El grupo que llegó a reunir a 120 mujeres para coser mascarillas para hospitales como el Hospital de la Universidad de Chile, del Pino y El Salvador. Hoy, luego de haber realizado más de 7.000 unidades con una red de voluntarias, se adentra con nuevos productos: toallas higiénicas ecológicas, almohadas para pacientes intubados e incluso están en proceso de crear una cooperativa.

  • 6 julio, 2020

La idea se gestó a mediados de marzo. La bioquímica Patricia Romero (34), más conocida como Icha, fue contactada por la agrupación Médicos en Resistencia, desde donde le plantearon la inquietud de la falta de mascarillas para el personal de la salud en algunos recintos hospitalarios. Romero, que es profesora de técnicas textiles latinoamericanas, decidió entonces contactar a cinco amigas -Patricia Ogaz, Katherinne Navarrete, Bárbara Valdivia, María José Ortíz y Beatriz O’Brien- para comenzar a idear lo que hoy se conoce como “Costureras a toda máquina”. El primer paso fue investigar cómo podría imitar una mascarilla del tipo N95, que brindara protección y seguridad. Cuando llegó al diseño, luego de días de estudio, análisis de telas y pruebas -el que está en proceso de certificación en el Cibyb de la U de Chile- el grupo comenzó a idear un manual público y armar una red de costureras que se basaran en esas instrucciones y crearan las mascarillas con sus cinco capas de tela. Hoy son 120 costureras voluntarias.

Entre telas

Uno de los sellos de Costureras a toda máquina es que sus mascarillas se anudan con cintas de algodón, sin elástico, y que no se apoyan en las orejas. Esto se diseñó así ya que personal de la salud les manifestó que con los turnos extendidos por la pandemia de Covid-19, el roce de las cuerdas les hacían heridas.

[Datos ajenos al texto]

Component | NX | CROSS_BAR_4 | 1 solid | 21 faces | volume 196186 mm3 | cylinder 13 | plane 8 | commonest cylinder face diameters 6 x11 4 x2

En el peak de producción, llegaron a realizar mil mascarillas semanales, cifra que actualmente bajó a 200 o 300 dependiendo la semana. “La cuarentena total en la Región Metropolitana incidió en esta baja ya que las costureras no pueden ir a los centros de acopio a buscar el material para coser”, explica la socióloga Beatriz O’Brien, una de las cinco fundadoras de la agrupación.

Junto con la llegada de las voluntarias, hubo un llamado a donar desde los tres mil pesos que les cuesta fabricar diez mascarillas. En ese llamado recibieron donaciones de telas también como es el caso de Aramark, que donó uniformes antiguos. Con las donaciones que recaudaron donaron siete mil unidades a diferentes hospitales y CESFAM no solo en Santiago, sino también en regiones.

Con el pasar de las semanas, la demanda fue bajando y una de las fundadoras planteó la idea de continuar con la agrupación pero comenzar a hacer otros productos. Fue en esos días cuando desde la toma Dignidad en La Florida le manifestaron que su principal necesidad eran las toallitas femeninas. Así, llegaron a un diseño hecho de tela que logra ser cómodo, lavable y reutilizable. Este lunes comenzarán con la primera tanda de entregas de mil unidades.

El equipo se encuentra diseñando dos productos más: mascarillas con mica transparentes para personas sordas y un modelo de cojín para pacientes intubados. Este último, cuenta O’Brien, es más complejo de realizar por lo que les ha tomado más tiempo llegar al prototipo correcto.

“El próximo paso es proyectarnos en el tiempo”, dice. A través de una cooperativa y un plan de negocios público, pretenden replicar el modelo en otras regiones y así mejorar la calidad de vida de las costureras, que según la Fundación Sol son 500 mil solo en la Región Metropolitana. Partirán por Pucón y Alto Hospicio, donde las contactaron para imitar el trabajo.